5. The semantic segmentation method for the unmanned aerial vehicle remote sensing image according to claim 4, wherein the image block numbering format is as follows: sequence number row index column index, where the sequence number is the unique identification of the block, calculated from the original image size and image block size, the row index and column index are derived from the number of height tiles and the number of width tiles respectively,

bid＝N_row*N_col＝f_ceil(H/s)*f_ceil(W/s)

6. The semantic segmentation method for the unmanned aerial vehicle remote sensing image according to claim 1, wherein the step 5 specifically comprises: taking an image slice coordinate system as a reference, and utilizing the initial focal length of the zoom to slide pixel by pixel to extract a target sub-image; when the output probability of the classified target subgraph is lower than a threshold value, performing upscaling zooming according to the zooming level, and expanding the range of the extracted target subgraph; and after the target subgraphs are classified, the zoom recovers the initial focal length to perform jumping traversal on the image element according to the span, and the next target subgraph is extracted.

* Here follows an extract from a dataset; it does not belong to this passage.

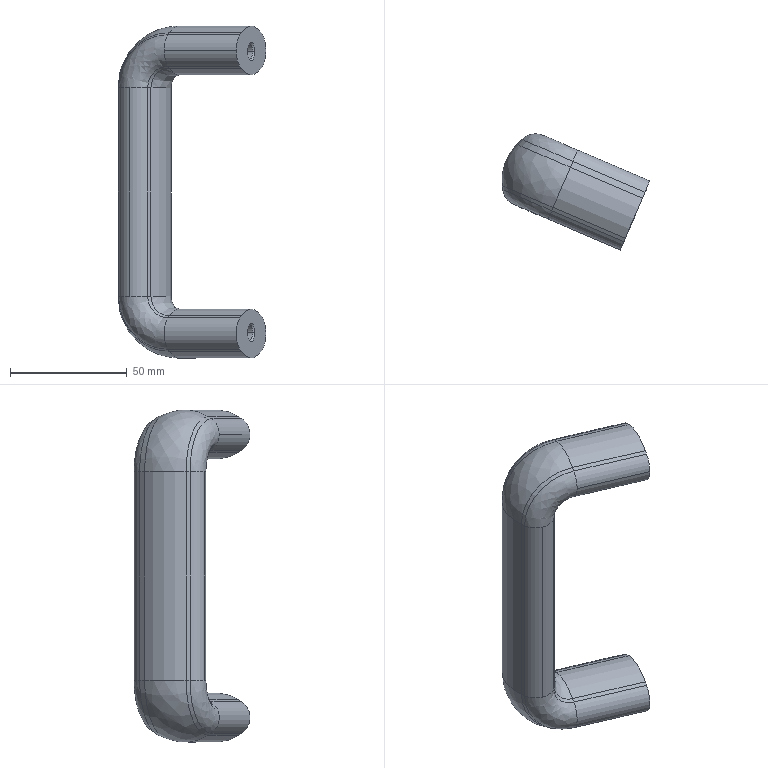Component | SolidWorks | UPCFN120Handle-2 | 1 solid | 57 faces | volume 106957 mm3 | cylinder 19 | cone 16 | plane 14 | spline 8 | commonest cylinder face diameters 42 x6 15.54 x5 16.8 x4 6.647 x4

7. The semantic segmentation method for the unmanned aerial vehicle remote sensing image according to claim 1, wherein in the step 6, a light convolutional neural network is adopted as a classifier for carrying out class judgment on the target subgraph, and the classifier is composed of a series of convolutional layers, pooling layers, normalization layers, activation function layers and full-connection layers; selecting a sample interest area on the remote sensing image in advance before using the classifier for classification training, wherein the learning rate is dynamically adjusted in a step-by-step mode in the training process.

8. The semantic segmentation method for the unmanned aerial vehicle remote sensing image according to claim 1, wherein in step 7, the image overlapping boundary fusion method adopts a median filter with a convolution kernel of 5 x 5.

9. The semantic segmentation method for the unmanned aerial vehicle remote sensing image according to claim 1, wherein in step 8, the image overlapping boundary fusion method adopts a median filter with a convolution kernel of 5 x 5.

10. The semantic segmentation method for unmanned aerial vehicle remote sensing images according to claim 1, wherein in step 9, the post-processing comprises erosion and dilation operations.